Leave Parts of Formula inactive in partial Differentiation

Question

for thermodynamics, I would like to use a thermodynamic derivative $$ \frac 1 T=\frac{\partial S}{\partial E}\Bigg \vert_V $$i.e. the derivative of the entropy S with respect to the energy E with the volume kept constant. In this context I tried to differentiate as follows (subsituting E to Z since E is protected)

    V[Z_]:=Z^6;
    S[Z_]:=V[Z]^2-Z;

    TemperatureDef=1/T==D[S,Z]

How do I differentiate S with respect to Z without V[Z] being evaluated (i.e. plugged in)?

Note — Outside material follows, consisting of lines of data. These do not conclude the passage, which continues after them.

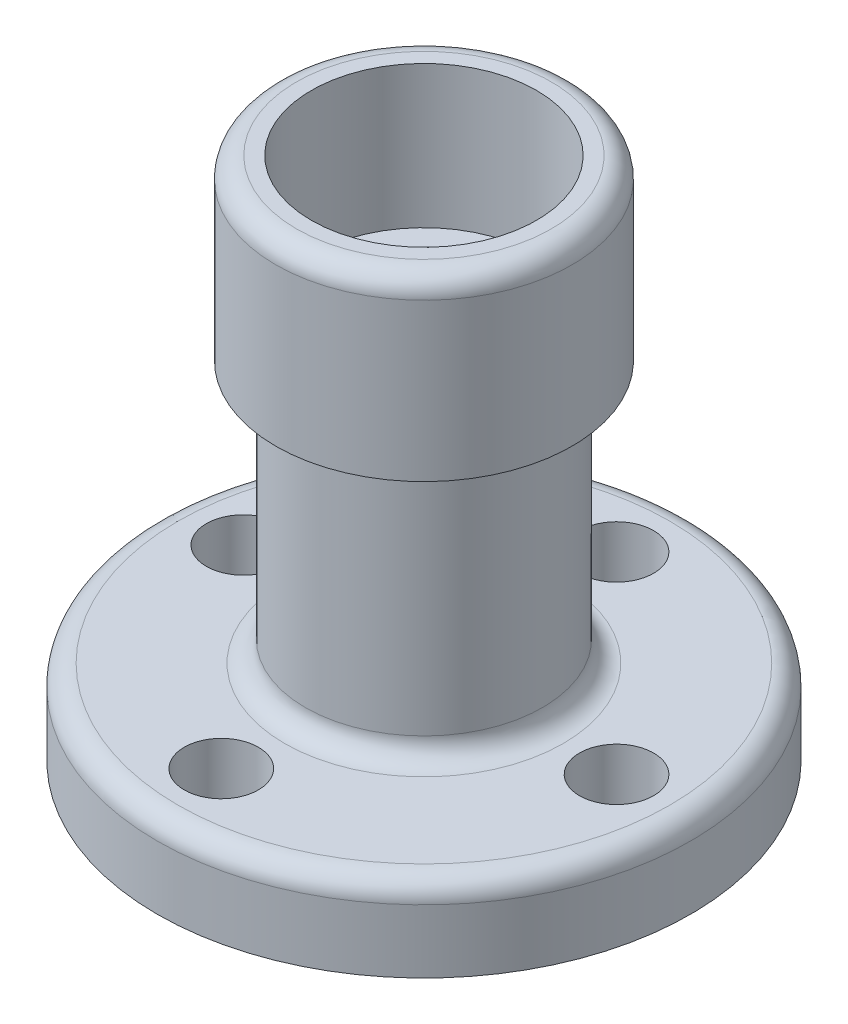
ISO-10303-21;
HEADER;
FILE_DESCRIPTION(('STEP AP214'),'2;1');
FILE_NAME('part.step','',(''),(''),'','','');
FILE_SCHEMA(('AUTOMOTIVE_DESIGN { 1 0 10303 214 1 1 1 1 }'));
ENDSEC;
DATA;
#1=APPLICATION_CONTEXT('core data for automotive mechanical design processes');
#2=APPLICATION_PROTOCOL_DEFINITION('international standard','automotive_design',2000,#1);
#3=PRODUCT_CONTEXT('',#1,'mechanical');
#4=PRODUCT('Part','Part','',(#3));
#5=PRODUCT_RELATED_PRODUCT_CATEGORY('part','',(#4));
#6=PRODUCT_DEFINITION_FORMATION('','',#4);
#7=PRODUCT_DEFINITION_CONTEXT('part definition',#1,'design');
#8=PRODUCT_DEFINITION('design','',#6,#7);
#9=PRODUCT_DEFINITION_SHAPE('','',#8);
#10=(LENGTH_UNIT() NAMED_UNIT(*) SI_UNIT(.MILLI.,.METRE.));
#11=(NAMED_UNIT(*) PLANE_ANGLE_UNIT() SI_UNIT($,.RADIAN.));
#12=(NAMED_UNIT(*) SI_UNIT($,.STERADIAN.) SOLID_ANGLE_UNIT());
#13=UNCERTAINTY_MEASURE_WITH_UNIT(LENGTH_MEASURE(1.E-05),#10,'distance_accuracy_value','');
#14=(GEOMETRIC_REPRESENTATION_CONTEXT(3) GLOBAL_UNCERTAINTY_ASSIGNED_CONTEXT((#13)) GLOBAL_UNIT_ASSIGNED_CONTEXT((#10,
#11,#12)) REPRESENTATION_CONTEXT('',''));
#15=CARTESIAN_POINT('',(0.,0.,0.));
#16=DIRECTION('',(0.,0.,1.));
#17=DIRECTION('',(1.,0.,0.));
#18=AXIS2_PLACEMENT_3D('',#15,#16,#17);
#19=CARTESIAN_POINT('',(0.,14.2,0.));
#20=DIRECTION('',(0.,-1.,0.));
#21=DIRECTION('',(0.,0.,-1.));
#22=AXIS2_PLACEMENT_3D('',#19,#20,#21);
#23=CYLINDRICAL_SURFACE('',#22,45.);
#24=CARTESIAN_POINT('',(0.,10.7,0.));
#25=DIRECTION('',(0.,1.,0.));
#26=DIRECTION('',(0.,0.,1.));
#27=AXIS2_PLACEMENT_3D('',#24,#25,#26);
#28=CIRCLE('',#27,45.);
#29=CARTESIAN_POINT('',(0.,10.7,45.));
#30=VERTEX_POINT('',#29);
#31=EDGE_CURVE('E10',#30,#30,#28,.F.);
#32=ORIENTED_EDGE('',*,*,#31,.T.);
#33=EDGE_LOOP('',(#32));
#34=FACE_BOUND('',#33,.T.);
#35=CARTESIAN_POINT('',(0.,0.,0.));
#36=DIRECTION('',(0.,1.,0.));
#37=DIRECTION('',(0.,0.,1.));
#38=AXIS2_PLACEMENT_3D('',#35,#36,#37);
#39=CIRCLE('',#38,45.);
#40=CARTESIAN_POINT('',(0.,0.,45.));
#41=VERTEX_POINT('',#40);
#42=EDGE_CURVE('E66',#41,#41,#39,.T.);
#43=ORIENTED_EDGE('',*,*,#42,.T.);
#44=EDGE_LOOP('',(#43));
#45=FACE_BOUND('',#44,.T.);
#46=ADVANCED_FACE('F40',(#34,#45),#23,.T.);
#47=CARTESIAN_POINT('',(0.,14.2,0.));
#48=DIRECTION('',(0.,1.,0.));
#49=DIRECTION('',(0.,0.,1.));
#50=AXIS2_PLACEMENT_3D('',#47,#48,#49);
#51=PLANE('',#50);
#52=CARTESIAN_POINT('',(0.,14.2,0.));
#53=DIRECTION('',(0.,1.,0.));
#54=DIRECTION('',(0.,0.,1.));
#55=AXIS2_PLACEMENT_3D('',#52,#53,#54);
#56=CIRCLE('',#55,41.5);
#57=CARTESIAN_POINT('',(0.,14.2,41.5));
#58=VERTEX_POINT('',#57);
#59=EDGE_CURVE('E42',#58,#58,#56,.T.);
#60=ORIENTED_EDGE('',*,*,#59,.T.);
#61=EDGE_LOOP('',(#60));
#62=FACE_BOUND('',#61,.T.);
#63=CARTESIAN_POINT('',(0.,14.2,0.));
#64=DIRECTION('',(0.,1.,0.));
#65=DIRECTION('',(0.,0.,1.));
#66=AXIS2_PLACEMENT_3D('',#63,#64,#65);
#67=CIRCLE('',#66,23.5);
#68=CARTESIAN_POINT('',(0.,14.2,23.5));
#69=VERTEX_POINT('',#68);
#70=EDGE_CURVE('E62',#69,#69,#67,.F.);
#71=ORIENTED_EDGE('',*,*,#70,.T.);
#72=EDGE_LOOP('',(#71));
#73=FACE_BOUND('',#72,.T.);
#74=CARTESIAN_POINT('',(-1.69244395993731,14.2,32.5));
#75=DIRECTION('',(0.,1.,0.));
#76=DIRECTION('',(0.,0.,1.));
#77=AXIS2_PLACEMENT_3D('',#74,#75,#76);
#78=CIRCLE('',#77,6.25);
#79=CARTESIAN_POINT('',(-1.69244395993731,14.2,38.75));
#80=VERTEX_POINT('',#79);
#81=EDGE_CURVE('E76',#80,#80,#78,.T.);
#82=ORIENTED_EDGE('',*,*,#81,.F.);
#83=EDGE_LOOP('',(#82));
#84=FACE_BOUND('',#83,.T.);
#85=CARTESIAN_POINT('',(-32.5,14.2,-2.03093275192457));
#86=DIRECTION('',(0.,1.,0.));
#87=DIRECTION('',(0.,0.,1.));
#88=AXIS2_PLACEMENT_3D('',#85,#86,#87);
#89=CIRCLE('',#88,6.25);
#90=CARTESIAN_POINT('',(-32.5,14.2,4.21906724807543));
#91=VERTEX_POINT('',#90);
#92=EDGE_CURVE('E80',#91,#91,#89,.T.);
#93=ORIENTED_EDGE('',*,*,#92,.F.);
#94=EDGE_LOOP('',(#93));
#95=FACE_BOUND('',#94,.T.);
#96=CARTESIAN_POINT('',(32.5,14.2,0.));
#97=DIRECTION('',(0.,1.,0.));
#98=DIRECTION('',(0.,0.,1.));
#99=AXIS2_PLACEMENT_3D('',#96,#97,#98);
#100=CIRCLE('',#99,6.25);
#101=CARTESIAN_POINT('',(32.5,14.2,6.25));
#102=VERTEX_POINT('',#101);
#103=EDGE_CURVE('E84',#102,#102,#100,.T.);
#104=ORIENTED_EDGE('',*,*,#103,.F.);
#105=EDGE_LOOP('',(#104));
#106=FACE_BOUND('',#105,.T.);
#107=CARTESIAN_POINT('',(0.,14.2,-32.5));
#108=DIRECTION('',(0.,1.,0.));
#109=DIRECTION('',(0.,0.,1.));
#110=AXIS2_PLACEMENT_3D('',#107,#108,#109);
#111=CIRCLE('',#110,6.25);
#112=CARTESIAN_POINT('',(0.,14.2,-26.25));
#113=VERTEX_POINT('',#112);
#114=EDGE_CURVE('E87',#113,#113,#111,.T.);
#115=ORIENTED_EDGE('',*,*,#114,.F.);
#116=EDGE_LOOP('',(#115));
#117=FACE_BOUND('',#116,.T.);
#118=ADVANCED_FACE('F121',(#62,#73,#84,#95,#106,#117),#51,.T.);
#119=CARTESIAN_POINT('',(0.,0.,0.));
#120=DIRECTION('',(0.,1.,0.));
#121=DIRECTION('',(0.,0.,1.));
#122=AXIS2_PLACEMENT_3D('',#119,#120,#121);
#123=PLANE('',#122);
#124=CARTESIAN_POINT('',(0.,0.,0.));
#125=DIRECTION('',(0.,-1.,0.));
#126=DIRECTION('',(0.,0.,-1.));
#127=AXIS2_PLACEMENT_3D('',#124,#125,#126);
#128=CIRCLE('',#127,15.);
#129=CARTESIAN_POINT('',(0.,0.,-15.));
#130=VERTEX_POINT('',#129);
#131=EDGE_CURVE('E73',#130,#130,#128,.T.);
#132=ORIENTED_EDGE('',*,*,#131,.F.);
#133=EDGE_LOOP('',(#132));
#134=FACE_BOUND('',#133,.T.);
#135=CARTESIAN_POINT('',(-1.69244395993731,0.,32.5));
#136=DIRECTION('',(0.,1.,0.));
#137=DIRECTION('',(0.,0.,1.));
#138=AXIS2_PLACEMENT_3D('',#135,#136,#137);
#139=CIRCLE('',#138,6.25);
#140=CARTESIAN_POINT('',(-1.69244395993731,0.,38.75));
#141=VERTEX_POINT('',#140);
#142=EDGE_CURVE('E74',#141,#141,#139,.T.);
#143=ORIENTED_EDGE('',*,*,#142,.T.);
#144=EDGE_LOOP('',(#143));
#145=FACE_BOUND('',#144,.T.);
#146=CARTESIAN_POINT('',(-32.5,0.,-2.03093275192457));
#147=DIRECTION('',(0.,1.,0.));
#148=DIRECTION('',(0.,0.,1.));
#149=AXIS2_PLACEMENT_3D('',#146,#147,#148);
#150=CIRCLE('',#149,6.25);
#151=CARTESIAN_POINT('',(-32.5,0.,4.21906724807543));
#152=VERTEX_POINT('',#151);
#153=EDGE_CURVE('E79',#152,#152,#150,.T.);
#154=ORIENTED_EDGE('',*,*,#153,.T.);
#155=EDGE_LOOP('',(#154));
#156=FACE_BOUND('',#155,.T.);
#157=CARTESIAN_POINT('',(32.5,0.,0.));
#158=DIRECTION('',(0.,1.,0.));
#159=DIRECTION('',(0.,0.,1.));
#160=AXIS2_PLACEMENT_3D('',#157,#158,#159);
#161=CIRCLE('',#160,6.25);
#162=CARTESIAN_POINT('',(32.5,0.,6.25));
#163=VERTEX_POINT('',#162);
#164=EDGE_CURVE('E82',#163,#163,#161,.T.);
#165=ORIENTED_EDGE('',*,*,#164,.T.);
#166=EDGE_LOOP('',(#165));
#167=FACE_BOUND('',#166,.T.);
#168=CARTESIAN_POINT('',(0.,0.,-32.5));
#169=DIRECTION('',(0.,1.,0.));
#170=DIRECTION('',(0.,0.,1.));
#171=AXIS2_PLACEMENT_3D('',#168,#169,#170);
#172=CIRCLE('',#171,6.25);
#173=CARTESIAN_POINT('',(0.,0.,-26.25));
#174=VERTEX_POINT('',#173);
#175=EDGE_CURVE('E90',#174,#174,#172,.T.);
#176=ORIENTED_EDGE('',*,*,#175,.T.);
#177=EDGE_LOOP('',(#176));
#178=FACE_BOUND('',#177,.T.);
#179=ORIENTED_EDGE('',*,*,#42,.F.);
#180=EDGE_LOOP('',(#179));
#181=FACE_BOUND('',#180,.T.);
#182=ADVANCED_FACE('F119',(#134,#145,#156,#167,#178,#181),#123,.F.);
#183=CARTESIAN_POINT('',(0.,58.4,0.));
#184=DIRECTION('',(0.,-1.,0.));
#185=DIRECTION('',(0.,0.,-1.));
#186=AXIS2_PLACEMENT_3D('',#183,#184,#185);
#187=CYLINDRICAL_SURFACE('',#186,20.);
#188=CARTESIAN_POINT('',(0.,54.9,0.));
#189=DIRECTION('',(0.,1.,0.));
#190=DIRECTION('',(0.,0.,1.));
#191=AXIS2_PLACEMENT_3D('',#188,#189,#190);
#192=CIRCLE('',#191,20.);
#193=CARTESIAN_POINT('',(0.,54.9,20.));
#194=VERTEX_POINT('',#193);
#195=EDGE_CURVE('E48',#194,#194,#192,.F.);
#196=ORIENTED_EDGE('',*,*,#195,.T.);
#197=EDGE_LOOP('',(#196));
#198=FACE_BOUND('',#197,.T.);
#199=CARTESIAN_POINT('',(0.,17.7,0.));
#200=DIRECTION('',(0.,1.,0.));
#201=DIRECTION('',(0.,0.,1.));
#202=AXIS2_PLACEMENT_3D('',#199,#200,#201);
#203=CIRCLE('',#202,20.);
#204=CARTESIAN_POINT('',(0.,17.7,20.));
#205=VERTEX_POINT('',#204);
#206=EDGE_CURVE('E67',#205,#205,#203,.T.);
#207=ORIENTED_EDGE('',*,*,#206,.T.);
#208=EDGE_LOOP('',(#207));
#209=FACE_BOUND('',#208,.T.);
#210=ADVANCED_FACE('F124',(#198,#209),#187,.T.);
#211=CARTESIAN_POINT('',(0.,88.4,0.));
#212=DIRECTION('',(0.,-1.,0.));
#213=DIRECTION('',(0.,0.,-1.));
#214=AXIS2_PLACEMENT_3D('',#211,#212,#213);
#215=CYLINDRICAL_SURFACE('',#214,25.);
#216=CARTESIAN_POINT('',(0.,84.9,0.));
#217=DIRECTION('',(0.,1.,0.));
#218=DIRECTION('',(0.,0.,1.));
#219=AXIS2_PLACEMENT_3D('',#216,#217,#218);
#220=CIRCLE('',#219,25.);
#221=CARTESIAN_POINT('',(0.,84.9,25.));
#222=VERTEX_POINT('',#221);
#223=EDGE_CURVE('E60',#222,#222,#220,.F.);
#224=ORIENTED_EDGE('',*,*,#223,.T.);
#225=EDGE_LOOP('',(#224));
#226=FACE_BOUND('',#225,.T.);
#227=CARTESIAN_POINT('',(0.,58.4,0.));
#228=DIRECTION('',(0.,1.,0.));
#229=DIRECTION('',(0.,0.,1.));
#230=AXIS2_PLACEMENT_3D('',#227,#228,#229);
#231=CIRCLE('',#230,25.);
#232=CARTESIAN_POINT('',(0.,58.4,25.));
#233=VERTEX_POINT('',#232);
#234=EDGE_CURVE('E88',#233,#233,#231,.T.);
#235=ORIENTED_EDGE('',*,*,#234,.T.);
#236=EDGE_LOOP('',(#235));
#237=FACE_BOUND('',#236,.T.);
#238=ADVANCED_FACE('F167',(#226,#237),#215,.T.);
#239=CARTESIAN_POINT('',(0.,88.4,0.));
#240=DIRECTION('',(0.,1.,0.));
#241=DIRECTION('',(0.,0.,1.));
#242=AXIS2_PLACEMENT_3D('',#239,#240,#241);
#243=PLANE('',#242);
#244=CARTESIAN_POINT('',(0.,88.4,0.));
#245=DIRECTION('',(0.,1.,0.));
#246=DIRECTION('',(0.,0.,1.));
#247=AXIS2_PLACEMENT_3D('',#244,#245,#246);
#248=CIRCLE('',#247,21.5);
#249=CARTESIAN_POINT('',(0.,88.4,21.5));
#250=VERTEX_POINT('',#249);
#251=EDGE_CURVE('E58',#250,#250,#248,.T.);
#252=ORIENTED_EDGE('',*,*,#251,.T.);
#253=EDGE_LOOP('',(#252));
#254=FACE_BOUND('',#253,.T.);
#255=CARTESIAN_POINT('',(0.,88.4,0.));
#256=DIRECTION('',(0.,1.,0.));
#257=DIRECTION('',(0.,0.,1.));
#258=AXIS2_PLACEMENT_3D('',#255,#256,#257);
#259=CIRCLE('',#258,19.);
#260=CARTESIAN_POINT('',(0.,88.4,19.));
#261=VERTEX_POINT('',#260);
#262=EDGE_CURVE('E101',#261,#261,#259,.T.);
#263=ORIENTED_EDGE('',*,*,#262,.F.);
#264=EDGE_LOOP('',(#263));
#265=FACE_BOUND('',#264,.T.);
#266=ADVANCED_FACE('F168',(#254,#265),#243,.T.);
#267=CARTESIAN_POINT('',(0.,58.4,0.));
#268=DIRECTION('',(0.,1.,0.));
#269=DIRECTION('',(0.,0.,1.));
#270=AXIS2_PLACEMENT_3D('',#267,#268,#269);
#271=PLANE('',#270);
#272=CARTESIAN_POINT('',(0.,58.4,0.));
#273=DIRECTION('',(0.,1.,0.));
#274=DIRECTION('',(0.,0.,1.));
#275=AXIS2_PLACEMENT_3D('',#272,#273,#274);
#276=CIRCLE('',#275,23.5);
#277=CARTESIAN_POINT('',(0.,58.4,23.5));
#278=VERTEX_POINT('',#277);
#279=EDGE_CURVE('E55',#278,#278,#276,.T.);
#280=ORIENTED_EDGE('',*,*,#279,.T.);
#281=EDGE_LOOP('',(#280));
#282=FACE_BOUND('',#281,.T.);
#283=ORIENTED_EDGE('',*,*,#234,.F.);
#284=EDGE_LOOP('',(#283));
#285=FACE_BOUND('',#284,.T.);
#286=ADVANCED_FACE('F161',(#282,#285),#271,.F.);
#287=CARTESIAN_POINT('',(0.,-15.8,-32.5));
#288=DIRECTION('',(0.,1.,0.));
#289=DIRECTION('',(0.,0.,1.));
#290=AXIS2_PLACEMENT_3D('',#287,#288,#289);
#291=CYLINDRICAL_SURFACE('',#290,6.25);
#292=ORIENTED_EDGE('',*,*,#114,.T.);
#293=EDGE_LOOP('',(#292));
#294=FACE_BOUND('',#293,.T.);
#295=ORIENTED_EDGE('',*,*,#175,.F.);
#296=EDGE_LOOP('',(#295));
#297=FACE_BOUND('',#296,.T.);
#298=ADVANCED_FACE('F164',(#294,#297),#291,.F.);
#299=CARTESIAN_POINT('',(32.5,-15.8,0.));
#300=DIRECTION('',(0.,1.,0.));
#301=DIRECTION('',(0.,0.,1.));
#302=AXIS2_PLACEMENT_3D('',#299,#300,#301);
#303=CYLINDRICAL_SURFACE('',#302,6.25);
#304=ORIENTED_EDGE('',*,*,#103,.T.);
#305=EDGE_LOOP('',(#304));
#306=FACE_BOUND('',#305,.T.);
#307=ORIENTED_EDGE('',*,*,#164,.F.);
#308=EDGE_LOOP('',(#307));
#309=FACE_BOUND('',#308,.T.);
#310=ADVANCED_FACE('F184',(#306,#309),#303,.F.);
#311=CARTESIAN_POINT('',(-32.5,-15.8,-2.03093275192457));
#312=DIRECTION('',(0.,1.,0.));
#313=DIRECTION('',(0.,0.,1.));
#314=AXIS2_PLACEMENT_3D('',#311,#312,#313);
#315=CYLINDRICAL_SURFACE('',#314,6.25);
#316=ORIENTED_EDGE('',*,*,#92,.T.);
#317=EDGE_LOOP('',(#316));
#318=FACE_BOUND('',#317,.T.);
#319=ORIENTED_EDGE('',*,*,#153,.F.);
#320=EDGE_LOOP('',(#319));
#321=FACE_BOUND('',#320,.T.);
#322=ADVANCED_FACE('F186',(#318,#321),#315,.F.);
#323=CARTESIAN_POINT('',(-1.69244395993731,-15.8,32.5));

The result should read -1 instead of -1+12 Z^11

Answer 1

Update: Answer to changed question:

See below for some discussion.

Block[{V},
 SetAttributes[V, Constant];
 S'[V]
 ]
(*  -1  *)

Note that if you change S =.. to S[Z_] :=.., you should change D[S,Z] to D[S[Z],Z], which is equivalent to S'[Z] above.

Answer to original question:

Perhaps one of these methods will get you started. First, though, you have to Clear your previous definitions. Set (=) does not set up equations but makes symbols represent the values of the right-hand side at the time of definition. Hence S=V^2-Z makes S equal Z^12 - Z, and the value for S contains no instance of V.

ClearAll[S, V, Z];

1. Setting temporarily the attribute Constant:

Block[{V},
 SetAttributes[V, Constant];
 D[V^2 - Z, Z]]
(*  -1  *)

2. Using the option Constants of Dt:

Dt[S]/Dt[Z] /. 
 First@Solve[
   Dt[{S == V^2 - Z}, Constants -> {V}] /. 
    Verbatim[Dt][x_, ___] :> Dt[x], {Dt[S]}]
(*  -1  *)

Or this way seems a little cleaner:

Internal`InheritedBlock[{Dt},
 SetOptions[Dt, Constants -> {V}];
 Dt[S]/Dt[Z] /. First@Solve[Dt[{S == V^2 - Z}], {Dt[S]}]
 ]
(*  -1  *)

Answer 2

Why not make the dependence explicit:

S[V_, Z_] := V^2 - Z
V[Z_] := Z^6

Then:

Derivative[0, 1][S][V[Z], Z]

-1

Answer 3

A Little cludgy, but for temporary setting, try

V[Z_]=Z^6;
S[Z_]=V[Z]^2-Z;

Temperature_Def=1/T==D[(S[Z]),Z]/.D[V[Z]^2,Z]->0
(* 1/T==-1 )